Overview
Large language models (LLMs) and AI have become incredibly useful for finding and exploiting vulnerabilities in offensive security and penetration testing as well as for day-to-day usage in improving writing, generating text, and building visuals for presentations. We must also, however, consider the protection of data and our clients’ environments as well as the accuracy and integrity of our work.
This document provides guidance on how LLMs and AI should be used within Volkis and the restrictions that must be applied when using these systems.
Volkis Claude subscription
Offensive security consultants will be provided a Claude subscription in the Volkis account. This subscription will have security settings enabled:
- Inputted data is configured to not be included in model training.
- 90 day data retention policy applied.
When using the Volkis Claude subscription, please be aware that admins have access to the data you put in up to the retention policy. The data is also shared with a third party (Anthropic) who will have access to the data submitted. Because of this:
- Avoid putting in your own personal queries or information.
- Never submit Personally Identifiable Information (PII). If you encounter PII during a test, ensure it is removed prior to using the data in an LLM.
- Never use routers or proxy layers that could have the capability of manipulating data or sharing the data with a third party.
Using client data in the Volkis Claude subscription
Volkis runs an “opt-out” policy for the usage of LLMs on client engagements. By default, using the Volkis Claude subscription with client data is acceptable, however the client can ask the consultant to restrain from using LLMs with client data during the engagement. This should be established during the scoping stage of the engagement so that additional time can be provided to the consultant.
Look at the Trello card to see whether using LLMs is OK.
Using Claude to assist with exploitation and processing vulnerability data
Even if using LLMs is ok for the engagement, you should still explicitly ask the client prior to using LLMs for:
- Developing exploits specific to the client environment or application, where the information provided to the LLM could have material risk to the client.

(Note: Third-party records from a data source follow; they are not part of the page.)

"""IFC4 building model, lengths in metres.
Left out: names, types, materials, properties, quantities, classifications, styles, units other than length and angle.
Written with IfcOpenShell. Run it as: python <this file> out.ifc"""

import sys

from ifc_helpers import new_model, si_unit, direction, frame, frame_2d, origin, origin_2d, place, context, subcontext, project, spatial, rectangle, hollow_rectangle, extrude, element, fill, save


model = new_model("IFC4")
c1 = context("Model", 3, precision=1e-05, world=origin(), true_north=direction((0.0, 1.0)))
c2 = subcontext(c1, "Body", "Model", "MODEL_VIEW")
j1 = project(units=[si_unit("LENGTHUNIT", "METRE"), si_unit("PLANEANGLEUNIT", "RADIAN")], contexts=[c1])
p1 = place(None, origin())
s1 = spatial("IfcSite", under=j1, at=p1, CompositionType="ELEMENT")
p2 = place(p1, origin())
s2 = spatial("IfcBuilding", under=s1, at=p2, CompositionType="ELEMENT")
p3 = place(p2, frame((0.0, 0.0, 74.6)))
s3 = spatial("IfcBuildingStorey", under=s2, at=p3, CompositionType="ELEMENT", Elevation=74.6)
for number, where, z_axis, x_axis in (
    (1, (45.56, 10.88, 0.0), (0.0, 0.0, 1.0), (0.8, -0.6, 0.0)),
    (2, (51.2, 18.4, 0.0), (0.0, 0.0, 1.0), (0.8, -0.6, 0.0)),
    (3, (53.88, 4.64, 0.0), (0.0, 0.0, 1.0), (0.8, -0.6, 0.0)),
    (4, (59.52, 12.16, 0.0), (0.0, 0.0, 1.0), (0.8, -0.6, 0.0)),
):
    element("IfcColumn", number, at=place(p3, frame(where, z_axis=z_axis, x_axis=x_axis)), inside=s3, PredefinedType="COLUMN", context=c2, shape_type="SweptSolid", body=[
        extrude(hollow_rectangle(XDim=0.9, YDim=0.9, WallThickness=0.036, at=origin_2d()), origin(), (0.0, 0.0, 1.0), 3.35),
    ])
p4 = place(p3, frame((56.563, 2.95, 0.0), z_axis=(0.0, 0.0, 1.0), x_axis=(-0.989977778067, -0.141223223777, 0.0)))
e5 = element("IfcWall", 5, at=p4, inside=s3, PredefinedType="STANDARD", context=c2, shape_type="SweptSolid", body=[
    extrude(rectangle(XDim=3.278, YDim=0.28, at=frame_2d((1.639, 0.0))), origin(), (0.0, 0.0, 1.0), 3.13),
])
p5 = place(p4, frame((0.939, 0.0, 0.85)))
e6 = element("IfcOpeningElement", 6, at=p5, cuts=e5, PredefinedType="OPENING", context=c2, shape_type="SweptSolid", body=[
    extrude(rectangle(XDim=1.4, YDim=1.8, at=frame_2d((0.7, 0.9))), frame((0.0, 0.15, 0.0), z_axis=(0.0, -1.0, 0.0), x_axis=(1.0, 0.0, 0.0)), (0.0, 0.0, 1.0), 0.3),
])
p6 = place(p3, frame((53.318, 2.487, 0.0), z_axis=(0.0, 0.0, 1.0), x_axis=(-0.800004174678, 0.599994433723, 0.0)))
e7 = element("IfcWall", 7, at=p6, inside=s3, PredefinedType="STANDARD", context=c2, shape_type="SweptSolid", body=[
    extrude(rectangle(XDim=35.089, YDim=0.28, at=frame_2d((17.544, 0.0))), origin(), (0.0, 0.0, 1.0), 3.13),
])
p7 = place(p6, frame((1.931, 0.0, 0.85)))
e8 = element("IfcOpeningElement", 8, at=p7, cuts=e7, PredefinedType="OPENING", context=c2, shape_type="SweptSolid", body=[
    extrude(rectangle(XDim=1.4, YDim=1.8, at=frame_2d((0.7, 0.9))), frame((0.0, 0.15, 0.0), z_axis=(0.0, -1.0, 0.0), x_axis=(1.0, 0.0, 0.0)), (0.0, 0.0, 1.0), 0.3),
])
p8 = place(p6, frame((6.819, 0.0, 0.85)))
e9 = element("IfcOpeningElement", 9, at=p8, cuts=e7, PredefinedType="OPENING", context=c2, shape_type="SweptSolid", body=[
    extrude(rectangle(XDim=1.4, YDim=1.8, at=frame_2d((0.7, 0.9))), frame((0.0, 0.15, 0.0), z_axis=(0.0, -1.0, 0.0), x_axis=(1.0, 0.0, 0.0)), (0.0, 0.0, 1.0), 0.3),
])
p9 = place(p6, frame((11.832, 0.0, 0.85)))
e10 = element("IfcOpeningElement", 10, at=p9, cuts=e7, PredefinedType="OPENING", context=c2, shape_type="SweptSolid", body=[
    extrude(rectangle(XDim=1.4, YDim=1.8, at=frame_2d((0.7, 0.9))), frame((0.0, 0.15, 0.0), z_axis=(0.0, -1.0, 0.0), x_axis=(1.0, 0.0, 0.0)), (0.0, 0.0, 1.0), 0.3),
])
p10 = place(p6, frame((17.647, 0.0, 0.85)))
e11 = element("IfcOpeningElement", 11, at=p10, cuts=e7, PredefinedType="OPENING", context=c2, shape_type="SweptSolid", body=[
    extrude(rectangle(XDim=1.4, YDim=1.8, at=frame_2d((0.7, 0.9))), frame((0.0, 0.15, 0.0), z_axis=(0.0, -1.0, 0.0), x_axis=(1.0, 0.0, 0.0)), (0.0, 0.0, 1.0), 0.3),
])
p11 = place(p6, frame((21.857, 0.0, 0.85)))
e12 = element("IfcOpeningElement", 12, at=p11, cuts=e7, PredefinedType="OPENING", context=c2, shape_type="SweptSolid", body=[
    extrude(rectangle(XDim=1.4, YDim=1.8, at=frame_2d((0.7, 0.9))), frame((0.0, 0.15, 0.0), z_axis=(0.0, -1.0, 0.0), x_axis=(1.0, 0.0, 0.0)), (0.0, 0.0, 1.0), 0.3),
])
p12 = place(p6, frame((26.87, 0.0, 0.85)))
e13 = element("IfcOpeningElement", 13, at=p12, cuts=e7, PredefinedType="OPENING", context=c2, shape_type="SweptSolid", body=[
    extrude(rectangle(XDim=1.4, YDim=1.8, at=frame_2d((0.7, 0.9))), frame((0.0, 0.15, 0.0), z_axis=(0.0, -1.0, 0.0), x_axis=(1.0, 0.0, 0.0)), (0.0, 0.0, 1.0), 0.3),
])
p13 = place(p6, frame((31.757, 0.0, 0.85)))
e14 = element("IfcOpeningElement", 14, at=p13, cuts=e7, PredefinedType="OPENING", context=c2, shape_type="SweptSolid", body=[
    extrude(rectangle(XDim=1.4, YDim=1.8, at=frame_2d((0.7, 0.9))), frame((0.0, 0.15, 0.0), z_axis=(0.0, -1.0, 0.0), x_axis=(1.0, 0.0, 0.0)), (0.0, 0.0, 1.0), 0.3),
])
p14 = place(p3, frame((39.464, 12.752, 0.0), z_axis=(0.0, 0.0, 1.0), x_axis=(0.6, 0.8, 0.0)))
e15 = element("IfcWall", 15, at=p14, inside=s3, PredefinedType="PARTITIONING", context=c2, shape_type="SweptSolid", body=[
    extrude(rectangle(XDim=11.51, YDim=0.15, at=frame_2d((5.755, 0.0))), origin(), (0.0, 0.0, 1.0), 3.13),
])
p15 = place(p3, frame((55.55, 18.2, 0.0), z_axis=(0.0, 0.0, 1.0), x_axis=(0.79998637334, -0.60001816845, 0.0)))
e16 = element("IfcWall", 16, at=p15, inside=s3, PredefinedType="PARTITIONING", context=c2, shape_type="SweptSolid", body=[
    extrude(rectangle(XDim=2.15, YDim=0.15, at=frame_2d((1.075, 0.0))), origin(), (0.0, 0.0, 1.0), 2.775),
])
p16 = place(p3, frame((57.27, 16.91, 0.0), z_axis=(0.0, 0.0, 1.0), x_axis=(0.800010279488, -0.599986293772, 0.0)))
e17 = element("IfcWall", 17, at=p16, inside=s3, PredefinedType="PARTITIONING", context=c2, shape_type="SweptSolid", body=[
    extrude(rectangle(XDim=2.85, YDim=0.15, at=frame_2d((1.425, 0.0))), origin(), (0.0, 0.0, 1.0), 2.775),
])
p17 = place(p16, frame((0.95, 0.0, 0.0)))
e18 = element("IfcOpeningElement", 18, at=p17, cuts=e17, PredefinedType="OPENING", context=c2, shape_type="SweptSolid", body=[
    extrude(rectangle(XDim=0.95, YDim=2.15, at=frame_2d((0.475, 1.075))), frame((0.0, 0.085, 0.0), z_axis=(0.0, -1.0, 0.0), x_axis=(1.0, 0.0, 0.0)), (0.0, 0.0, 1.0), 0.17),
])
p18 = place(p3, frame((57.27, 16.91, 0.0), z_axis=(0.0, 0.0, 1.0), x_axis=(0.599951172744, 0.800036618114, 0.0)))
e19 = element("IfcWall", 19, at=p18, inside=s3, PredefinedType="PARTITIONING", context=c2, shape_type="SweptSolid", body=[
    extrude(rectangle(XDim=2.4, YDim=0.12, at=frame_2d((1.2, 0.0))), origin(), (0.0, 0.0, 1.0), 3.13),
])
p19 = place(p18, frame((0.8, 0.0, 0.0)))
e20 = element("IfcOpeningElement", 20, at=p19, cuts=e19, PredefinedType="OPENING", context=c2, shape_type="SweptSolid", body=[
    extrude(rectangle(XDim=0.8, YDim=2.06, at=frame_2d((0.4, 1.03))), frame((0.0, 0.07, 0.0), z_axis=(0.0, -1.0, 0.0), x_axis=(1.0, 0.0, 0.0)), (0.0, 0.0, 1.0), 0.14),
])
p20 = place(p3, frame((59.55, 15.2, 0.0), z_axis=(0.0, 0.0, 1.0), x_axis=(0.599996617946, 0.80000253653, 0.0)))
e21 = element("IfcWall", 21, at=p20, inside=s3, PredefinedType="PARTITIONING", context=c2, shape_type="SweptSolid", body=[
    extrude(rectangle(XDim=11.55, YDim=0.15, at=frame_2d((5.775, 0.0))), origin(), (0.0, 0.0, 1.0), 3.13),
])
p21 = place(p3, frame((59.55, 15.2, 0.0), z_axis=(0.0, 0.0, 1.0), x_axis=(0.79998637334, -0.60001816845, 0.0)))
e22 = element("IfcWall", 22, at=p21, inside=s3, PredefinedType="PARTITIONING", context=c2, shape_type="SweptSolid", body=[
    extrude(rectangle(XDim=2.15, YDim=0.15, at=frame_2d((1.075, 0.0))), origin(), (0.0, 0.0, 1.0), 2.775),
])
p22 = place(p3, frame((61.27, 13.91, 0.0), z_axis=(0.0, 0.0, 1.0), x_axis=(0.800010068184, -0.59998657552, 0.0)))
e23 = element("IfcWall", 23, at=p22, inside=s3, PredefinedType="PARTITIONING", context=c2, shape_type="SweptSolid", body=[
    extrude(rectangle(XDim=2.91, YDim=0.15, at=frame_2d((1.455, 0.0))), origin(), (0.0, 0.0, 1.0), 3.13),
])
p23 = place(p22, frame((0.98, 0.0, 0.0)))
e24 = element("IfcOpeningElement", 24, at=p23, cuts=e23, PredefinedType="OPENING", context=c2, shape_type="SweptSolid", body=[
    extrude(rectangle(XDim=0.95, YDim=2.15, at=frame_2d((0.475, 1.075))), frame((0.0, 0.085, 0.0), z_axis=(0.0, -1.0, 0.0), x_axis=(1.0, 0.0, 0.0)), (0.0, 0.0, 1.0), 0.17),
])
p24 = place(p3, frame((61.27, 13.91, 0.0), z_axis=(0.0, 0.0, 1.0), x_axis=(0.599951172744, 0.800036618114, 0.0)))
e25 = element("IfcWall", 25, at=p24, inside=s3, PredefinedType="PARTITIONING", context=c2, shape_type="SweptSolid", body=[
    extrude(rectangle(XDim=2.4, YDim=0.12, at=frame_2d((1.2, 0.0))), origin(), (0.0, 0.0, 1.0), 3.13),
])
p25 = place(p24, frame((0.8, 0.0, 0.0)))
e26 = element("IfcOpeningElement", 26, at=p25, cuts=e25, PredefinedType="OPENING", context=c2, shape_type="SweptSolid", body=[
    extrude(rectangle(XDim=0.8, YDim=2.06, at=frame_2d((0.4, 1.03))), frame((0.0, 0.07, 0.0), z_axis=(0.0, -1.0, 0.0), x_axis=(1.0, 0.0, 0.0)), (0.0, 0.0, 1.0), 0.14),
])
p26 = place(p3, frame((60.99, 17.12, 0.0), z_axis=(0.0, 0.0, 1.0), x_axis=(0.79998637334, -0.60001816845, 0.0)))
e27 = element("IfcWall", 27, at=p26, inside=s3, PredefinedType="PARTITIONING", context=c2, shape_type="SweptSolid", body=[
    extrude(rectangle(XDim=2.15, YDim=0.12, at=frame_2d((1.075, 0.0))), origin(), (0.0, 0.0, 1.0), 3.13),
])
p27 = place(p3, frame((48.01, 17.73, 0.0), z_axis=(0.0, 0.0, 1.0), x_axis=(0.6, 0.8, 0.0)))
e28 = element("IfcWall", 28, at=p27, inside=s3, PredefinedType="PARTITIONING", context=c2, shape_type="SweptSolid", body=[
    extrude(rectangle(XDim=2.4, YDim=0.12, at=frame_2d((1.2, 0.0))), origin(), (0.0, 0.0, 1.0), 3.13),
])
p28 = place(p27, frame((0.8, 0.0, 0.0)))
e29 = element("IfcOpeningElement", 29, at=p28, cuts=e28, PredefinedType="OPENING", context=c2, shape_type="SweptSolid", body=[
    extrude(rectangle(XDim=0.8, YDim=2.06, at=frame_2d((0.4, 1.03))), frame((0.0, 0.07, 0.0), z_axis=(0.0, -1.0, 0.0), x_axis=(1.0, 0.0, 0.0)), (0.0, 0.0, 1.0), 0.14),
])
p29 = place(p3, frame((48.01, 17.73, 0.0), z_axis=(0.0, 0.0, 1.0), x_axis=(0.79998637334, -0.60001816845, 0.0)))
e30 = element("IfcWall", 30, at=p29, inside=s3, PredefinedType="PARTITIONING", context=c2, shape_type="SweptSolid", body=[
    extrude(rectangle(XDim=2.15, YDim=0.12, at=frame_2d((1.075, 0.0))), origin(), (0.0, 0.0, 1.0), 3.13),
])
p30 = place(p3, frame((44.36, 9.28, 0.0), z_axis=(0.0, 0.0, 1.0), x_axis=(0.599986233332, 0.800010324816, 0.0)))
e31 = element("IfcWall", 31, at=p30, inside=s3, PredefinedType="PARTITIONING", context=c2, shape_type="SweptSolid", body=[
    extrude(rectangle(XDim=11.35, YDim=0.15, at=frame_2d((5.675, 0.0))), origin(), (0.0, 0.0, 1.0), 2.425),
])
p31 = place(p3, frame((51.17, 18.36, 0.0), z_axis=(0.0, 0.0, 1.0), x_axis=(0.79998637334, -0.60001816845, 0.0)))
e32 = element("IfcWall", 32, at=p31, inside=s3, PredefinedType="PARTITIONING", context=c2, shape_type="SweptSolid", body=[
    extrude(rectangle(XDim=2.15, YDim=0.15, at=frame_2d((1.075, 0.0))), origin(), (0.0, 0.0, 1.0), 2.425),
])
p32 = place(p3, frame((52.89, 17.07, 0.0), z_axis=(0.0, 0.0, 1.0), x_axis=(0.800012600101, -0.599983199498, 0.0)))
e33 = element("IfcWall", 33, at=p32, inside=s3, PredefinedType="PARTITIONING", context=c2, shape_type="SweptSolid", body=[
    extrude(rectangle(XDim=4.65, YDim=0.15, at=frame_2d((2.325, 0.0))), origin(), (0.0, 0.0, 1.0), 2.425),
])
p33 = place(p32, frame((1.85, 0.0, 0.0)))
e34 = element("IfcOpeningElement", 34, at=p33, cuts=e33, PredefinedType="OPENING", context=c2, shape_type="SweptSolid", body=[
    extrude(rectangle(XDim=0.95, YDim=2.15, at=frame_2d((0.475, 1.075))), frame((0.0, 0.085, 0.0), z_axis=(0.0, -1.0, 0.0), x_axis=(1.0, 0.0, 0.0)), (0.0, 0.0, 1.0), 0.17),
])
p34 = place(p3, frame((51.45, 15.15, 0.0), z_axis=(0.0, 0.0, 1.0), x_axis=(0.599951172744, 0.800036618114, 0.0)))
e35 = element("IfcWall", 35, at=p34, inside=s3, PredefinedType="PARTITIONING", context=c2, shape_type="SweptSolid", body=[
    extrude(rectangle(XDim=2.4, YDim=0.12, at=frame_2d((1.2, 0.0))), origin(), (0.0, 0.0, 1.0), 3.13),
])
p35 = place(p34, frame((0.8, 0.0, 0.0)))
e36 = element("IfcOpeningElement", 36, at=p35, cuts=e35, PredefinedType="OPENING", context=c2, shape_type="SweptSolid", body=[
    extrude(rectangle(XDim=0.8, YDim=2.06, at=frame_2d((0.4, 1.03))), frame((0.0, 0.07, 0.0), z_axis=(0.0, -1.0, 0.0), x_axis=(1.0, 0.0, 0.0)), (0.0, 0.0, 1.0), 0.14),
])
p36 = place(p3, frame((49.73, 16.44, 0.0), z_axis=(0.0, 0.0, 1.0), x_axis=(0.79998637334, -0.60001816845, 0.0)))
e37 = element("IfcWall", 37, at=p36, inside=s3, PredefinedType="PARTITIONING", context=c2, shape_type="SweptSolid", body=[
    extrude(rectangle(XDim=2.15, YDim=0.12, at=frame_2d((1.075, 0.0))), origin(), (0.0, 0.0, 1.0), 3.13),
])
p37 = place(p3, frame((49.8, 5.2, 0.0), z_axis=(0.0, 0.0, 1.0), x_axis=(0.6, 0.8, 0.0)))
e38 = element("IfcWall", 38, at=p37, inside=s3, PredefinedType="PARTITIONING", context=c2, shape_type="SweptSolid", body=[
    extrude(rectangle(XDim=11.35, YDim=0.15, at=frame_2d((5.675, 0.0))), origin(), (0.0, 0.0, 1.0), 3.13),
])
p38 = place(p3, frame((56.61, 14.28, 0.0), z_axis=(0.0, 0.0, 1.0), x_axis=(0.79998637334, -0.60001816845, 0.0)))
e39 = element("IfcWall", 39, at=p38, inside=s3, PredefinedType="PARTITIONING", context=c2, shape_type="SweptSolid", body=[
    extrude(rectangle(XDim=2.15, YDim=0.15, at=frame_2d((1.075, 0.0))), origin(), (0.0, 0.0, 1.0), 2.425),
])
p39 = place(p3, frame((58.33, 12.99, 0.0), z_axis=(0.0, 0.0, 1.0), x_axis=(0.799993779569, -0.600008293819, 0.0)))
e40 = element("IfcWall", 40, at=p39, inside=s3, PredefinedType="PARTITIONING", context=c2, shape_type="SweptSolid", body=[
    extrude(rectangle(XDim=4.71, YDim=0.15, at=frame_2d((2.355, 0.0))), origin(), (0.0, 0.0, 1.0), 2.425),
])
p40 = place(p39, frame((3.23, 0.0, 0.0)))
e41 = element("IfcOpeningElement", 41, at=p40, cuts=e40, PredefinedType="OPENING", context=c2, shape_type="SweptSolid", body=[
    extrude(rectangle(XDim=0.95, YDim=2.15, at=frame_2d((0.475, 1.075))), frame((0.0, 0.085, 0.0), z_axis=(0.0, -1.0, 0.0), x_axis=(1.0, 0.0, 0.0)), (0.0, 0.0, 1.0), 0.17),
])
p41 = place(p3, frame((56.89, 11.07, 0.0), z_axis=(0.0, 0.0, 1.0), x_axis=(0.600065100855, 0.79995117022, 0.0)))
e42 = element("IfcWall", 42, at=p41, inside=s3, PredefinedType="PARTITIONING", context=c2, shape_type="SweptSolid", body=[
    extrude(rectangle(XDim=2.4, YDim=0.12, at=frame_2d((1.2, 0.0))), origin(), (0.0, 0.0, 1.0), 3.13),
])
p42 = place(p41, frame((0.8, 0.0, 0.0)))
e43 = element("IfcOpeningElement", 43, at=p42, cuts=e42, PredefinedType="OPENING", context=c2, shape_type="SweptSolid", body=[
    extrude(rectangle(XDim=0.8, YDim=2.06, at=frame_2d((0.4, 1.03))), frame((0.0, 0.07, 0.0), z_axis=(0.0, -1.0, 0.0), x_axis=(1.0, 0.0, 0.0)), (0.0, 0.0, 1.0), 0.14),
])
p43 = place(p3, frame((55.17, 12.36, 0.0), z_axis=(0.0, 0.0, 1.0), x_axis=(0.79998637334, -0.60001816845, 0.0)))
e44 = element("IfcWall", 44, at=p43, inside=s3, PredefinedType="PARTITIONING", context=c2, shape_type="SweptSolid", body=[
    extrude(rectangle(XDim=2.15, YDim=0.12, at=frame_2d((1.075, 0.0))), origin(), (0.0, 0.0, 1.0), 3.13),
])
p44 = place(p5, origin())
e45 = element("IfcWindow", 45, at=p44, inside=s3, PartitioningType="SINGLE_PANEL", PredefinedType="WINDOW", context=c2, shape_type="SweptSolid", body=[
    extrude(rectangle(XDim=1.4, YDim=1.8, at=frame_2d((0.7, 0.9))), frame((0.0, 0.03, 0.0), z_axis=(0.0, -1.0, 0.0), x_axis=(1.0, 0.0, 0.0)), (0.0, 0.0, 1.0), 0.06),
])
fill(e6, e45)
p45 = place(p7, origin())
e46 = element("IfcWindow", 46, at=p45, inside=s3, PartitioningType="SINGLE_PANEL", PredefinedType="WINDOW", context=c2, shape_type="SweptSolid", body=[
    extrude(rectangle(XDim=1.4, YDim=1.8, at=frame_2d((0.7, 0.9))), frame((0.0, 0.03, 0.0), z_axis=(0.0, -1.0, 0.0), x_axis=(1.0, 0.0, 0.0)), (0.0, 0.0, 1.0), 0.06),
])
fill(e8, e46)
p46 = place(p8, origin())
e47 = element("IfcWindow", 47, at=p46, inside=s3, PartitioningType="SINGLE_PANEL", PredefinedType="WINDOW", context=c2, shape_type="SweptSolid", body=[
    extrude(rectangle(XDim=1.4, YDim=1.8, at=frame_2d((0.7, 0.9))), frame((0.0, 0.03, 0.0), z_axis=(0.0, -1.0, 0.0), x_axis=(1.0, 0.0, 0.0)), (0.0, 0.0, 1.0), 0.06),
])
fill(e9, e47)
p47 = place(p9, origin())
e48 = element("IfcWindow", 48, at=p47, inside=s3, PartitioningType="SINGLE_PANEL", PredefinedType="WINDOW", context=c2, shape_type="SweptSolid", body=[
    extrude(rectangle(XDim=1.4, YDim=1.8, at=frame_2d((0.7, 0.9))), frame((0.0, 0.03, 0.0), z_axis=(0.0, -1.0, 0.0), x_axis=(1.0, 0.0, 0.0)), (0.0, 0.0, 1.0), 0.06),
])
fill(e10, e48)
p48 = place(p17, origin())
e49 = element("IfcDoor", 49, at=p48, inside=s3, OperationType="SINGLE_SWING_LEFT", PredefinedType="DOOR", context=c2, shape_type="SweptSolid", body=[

- Using the LLM with vulnerability data, access tokens, or client passwords.
If possible, strip sensitive information such as access tokens or passwords from data inputted into the LLM.
Using Claude to assist with reporting
The general rule for Volkis reports is that if you have your name as the author of the report then you should be willing to stand by that report. While it is fine to use LLMs as part of the reporting process, you should use it with care. The final content should be accurate and should reflect your own voice, thoughts, determinations, and conclusions.
In particular, using LLMs can make the tone of reports feel stale and sanitised. While it’s possible to change the tone of an LLM’s output with the right prompt, we feel that it’s often better to rewrite the output in your own words where possible.
Safe usage of LLMs
LLMs are just a tool. You must be willing to stand by your work even if you are being assisted by an LLM. This means:
- You should check the output of the LLM for accuracy and relevance. LLMs are inherantly prone to making up information when they don’t know the answer. They are prone to giving answers that are old or for another similar system. They don’t know the client as well as you do.
- You should be aware of the habit for LLMs to agree with the user, even when the user is wrong. In general, LLMs won’t challenge the user unless they are specifically asked to.
LLMs also have technical risks for users:
- You should be aware of prompt injection and take steps to avoid risk to your system and manipulation of the output through prompt injection.
- You should ensure access control is appropriately applied to actions undertaken by an LLM.
- You should manually review any code developed by an LLM to ensure it is safe to run.
Respectful usage of LLMs
Your use of LLMs should consider the personal connections you have with your coworkers and clients. Putting an AI layer between you and your coworkers can damage and abstract that personal connection away. The last thing we would want is for communication to be filtered and manipulated through progressive layers of AI.
When using AI you should:
- Avoid generating “AI slop” and consider the general rule that “if you didn’t spend time creating it, why should they spend time reading it?” Sometimes the information that you enter into the LLM’s interface is more important than the content that it spits out.
- Clearly mark content that you send to coworkers when it is created by AI.
- Try to use your own words when communicating with your coworkers, not just the words LLMs tell you to use.
Using LLMs outside of the Volkis Claude subscription
You can use other LLMs outside of the Claude subscription, even for Volkis work, as long as you don’t include internal Volkis information or client data.